我们推出Helios——首个140亿参数视频生成模型，在单张NVIDIA H100 GPU上可实现19.5 FPS的实时生成，支持分钟级长视频生成，同时保持与强基线模型相当的生成质量。我们在三个关键维度实现突破：(1) 无需自强制、误差累积库或关键帧采样等常用防漂移策略，即可实现长视频生成的稳定性；(2) 无需KV缓存、稀疏/线性注意力或量化等标准加速技术，即可达成实时生成；(3) 无需并行或分片训练框架，在80GB GPU内存内可同时容纳四个140亿参数模型，并实现图像扩散模型级别的批处理规模。具体而言，Helios采用具有统一输入表示的140亿参数自回归扩散架构，原生支持文生视频、图生视频和视频生视频任务。针对长视频生成中的漂移问题，我们系统分析了典型失效模式，提出通过显式模拟训练过程中的漂移现象来设计简单高效的训练策略，从根源上消除重复性运动。在效率方面，我们大幅压缩历史信息与噪声上下文，减少采样步数，使计算成本与13亿参数视频生成模型相当甚至更低。此外，我们引入基础设施层优化，在降低内存占用的同时加速推理与训练过程。大量实验表明，Helios在短视频生成长视频生成任务上均持续超越现有方法。我们将开源代码、基础模型与蒸馏模型，以支持社区后续发展。

English

We introduce Helios, the first 14B video generation model that runs at 19.5 FPS on a single NVIDIA H100 GPU and supports minute-scale generation while matching the quality of a strong baseline. We make breakthroughs along three key dimensions: (1) robustness to long-video drifting without commonly used anti-drifting heuristics such as self-forcing, error-banks, or keyframe sampling; (2) real-time generation without standard acceleration techniques such as KV-cache, sparse/linear attention, or quantization; and (3) training without parallelism or sharding frameworks, enabling image-diffusion-scale batch sizes while fitting up to four 14B models within 80 GB of GPU memory. Specifically, Helios is a 14B autoregressive diffusion model with a unified input representation that natively supports T2V, I2V, and V2V tasks. To mitigate drifting in long-video generation, we characterize typical failure modes and propose simple yet effective training strategies that explicitly simulate drifting during training, while eliminating repetitive motion at its source.
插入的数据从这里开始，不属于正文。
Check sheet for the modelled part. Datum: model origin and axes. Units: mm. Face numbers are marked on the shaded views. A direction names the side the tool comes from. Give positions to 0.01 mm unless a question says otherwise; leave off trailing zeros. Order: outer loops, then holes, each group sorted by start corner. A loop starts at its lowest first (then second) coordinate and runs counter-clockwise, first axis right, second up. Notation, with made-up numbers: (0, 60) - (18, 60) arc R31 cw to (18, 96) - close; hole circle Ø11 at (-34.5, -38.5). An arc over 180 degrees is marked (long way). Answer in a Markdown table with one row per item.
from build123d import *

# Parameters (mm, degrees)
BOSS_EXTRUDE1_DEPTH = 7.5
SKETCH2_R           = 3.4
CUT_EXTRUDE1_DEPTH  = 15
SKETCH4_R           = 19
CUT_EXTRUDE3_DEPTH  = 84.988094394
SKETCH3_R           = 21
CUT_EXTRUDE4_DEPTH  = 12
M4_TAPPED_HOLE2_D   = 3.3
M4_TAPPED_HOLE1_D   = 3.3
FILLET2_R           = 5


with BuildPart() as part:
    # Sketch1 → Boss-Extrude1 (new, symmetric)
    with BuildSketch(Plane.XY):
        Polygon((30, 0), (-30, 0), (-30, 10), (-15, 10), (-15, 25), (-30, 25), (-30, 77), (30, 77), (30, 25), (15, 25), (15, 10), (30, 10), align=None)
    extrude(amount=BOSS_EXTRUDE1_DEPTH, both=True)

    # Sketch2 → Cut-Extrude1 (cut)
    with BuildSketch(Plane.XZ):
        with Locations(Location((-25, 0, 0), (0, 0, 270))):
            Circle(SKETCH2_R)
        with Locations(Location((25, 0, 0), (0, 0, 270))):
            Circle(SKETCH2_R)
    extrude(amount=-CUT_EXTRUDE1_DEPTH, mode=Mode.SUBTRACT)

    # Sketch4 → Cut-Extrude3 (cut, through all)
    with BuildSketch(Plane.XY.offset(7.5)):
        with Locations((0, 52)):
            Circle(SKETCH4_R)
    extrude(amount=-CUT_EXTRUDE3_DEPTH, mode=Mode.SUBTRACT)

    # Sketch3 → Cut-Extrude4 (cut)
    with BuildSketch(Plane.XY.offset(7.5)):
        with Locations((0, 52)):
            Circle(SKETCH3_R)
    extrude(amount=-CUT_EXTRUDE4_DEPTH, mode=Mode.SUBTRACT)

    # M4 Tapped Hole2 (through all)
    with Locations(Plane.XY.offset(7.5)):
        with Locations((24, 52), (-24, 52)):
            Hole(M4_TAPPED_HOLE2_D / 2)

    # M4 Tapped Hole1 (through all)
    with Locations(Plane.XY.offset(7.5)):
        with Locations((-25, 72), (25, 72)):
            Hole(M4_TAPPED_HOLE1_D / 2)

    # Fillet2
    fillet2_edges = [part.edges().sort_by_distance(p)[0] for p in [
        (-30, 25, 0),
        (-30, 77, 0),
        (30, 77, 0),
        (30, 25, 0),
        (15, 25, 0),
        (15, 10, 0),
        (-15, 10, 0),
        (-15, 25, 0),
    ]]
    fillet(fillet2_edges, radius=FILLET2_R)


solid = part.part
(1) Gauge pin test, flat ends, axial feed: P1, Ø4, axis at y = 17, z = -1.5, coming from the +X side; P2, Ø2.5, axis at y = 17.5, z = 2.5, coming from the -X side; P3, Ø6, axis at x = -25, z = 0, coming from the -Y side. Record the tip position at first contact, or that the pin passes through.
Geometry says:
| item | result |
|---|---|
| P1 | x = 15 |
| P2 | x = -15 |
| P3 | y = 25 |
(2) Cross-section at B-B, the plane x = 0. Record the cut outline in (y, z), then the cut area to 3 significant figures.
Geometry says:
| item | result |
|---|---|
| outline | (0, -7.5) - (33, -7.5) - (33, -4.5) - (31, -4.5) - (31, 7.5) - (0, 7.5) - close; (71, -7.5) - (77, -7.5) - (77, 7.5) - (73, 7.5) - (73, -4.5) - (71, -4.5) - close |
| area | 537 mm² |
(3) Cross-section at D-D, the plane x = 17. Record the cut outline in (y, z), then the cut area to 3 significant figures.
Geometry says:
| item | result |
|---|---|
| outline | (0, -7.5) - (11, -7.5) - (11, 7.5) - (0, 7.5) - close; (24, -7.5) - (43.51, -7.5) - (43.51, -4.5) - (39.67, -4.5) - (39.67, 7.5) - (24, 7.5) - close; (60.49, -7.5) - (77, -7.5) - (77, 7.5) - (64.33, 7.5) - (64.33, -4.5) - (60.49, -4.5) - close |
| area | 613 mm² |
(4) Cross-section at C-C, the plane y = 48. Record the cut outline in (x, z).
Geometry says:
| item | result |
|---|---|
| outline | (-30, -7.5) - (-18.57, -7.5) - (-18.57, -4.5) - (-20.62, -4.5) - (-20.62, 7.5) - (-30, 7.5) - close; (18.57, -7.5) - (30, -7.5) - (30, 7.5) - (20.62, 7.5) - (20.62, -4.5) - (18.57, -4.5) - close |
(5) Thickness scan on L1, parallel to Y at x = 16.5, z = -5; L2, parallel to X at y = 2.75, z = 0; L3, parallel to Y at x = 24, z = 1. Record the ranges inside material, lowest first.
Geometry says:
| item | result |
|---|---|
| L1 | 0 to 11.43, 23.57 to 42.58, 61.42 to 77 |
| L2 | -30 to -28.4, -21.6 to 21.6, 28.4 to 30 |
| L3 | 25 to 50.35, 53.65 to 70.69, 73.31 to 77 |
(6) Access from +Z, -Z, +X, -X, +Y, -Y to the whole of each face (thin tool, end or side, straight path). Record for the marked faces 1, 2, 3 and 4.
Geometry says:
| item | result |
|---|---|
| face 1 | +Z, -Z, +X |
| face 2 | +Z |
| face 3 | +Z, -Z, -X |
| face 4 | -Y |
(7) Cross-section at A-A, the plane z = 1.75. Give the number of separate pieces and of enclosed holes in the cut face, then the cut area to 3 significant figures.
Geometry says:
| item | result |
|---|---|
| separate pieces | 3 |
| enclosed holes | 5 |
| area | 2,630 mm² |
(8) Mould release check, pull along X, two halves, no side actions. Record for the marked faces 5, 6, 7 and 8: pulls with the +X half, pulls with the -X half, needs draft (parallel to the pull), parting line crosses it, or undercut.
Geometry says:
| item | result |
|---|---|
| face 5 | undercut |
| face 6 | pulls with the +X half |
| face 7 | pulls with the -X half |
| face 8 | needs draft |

For efficiency, we heavily compress the historical and noisy context and reduce the number of sampling steps, yielding computational costs comparable to -- or lower than -- those of 1.3B video generative models. Moreover, we introduce infrastructure-level optimizations that accelerate both inference and training while reducing memory consumption. Extensive experiments demonstrate that Helios consistently outperforms prior methods on both short- and long-video generation. We plan to release the code, base model, and distilled model to support further development by the community.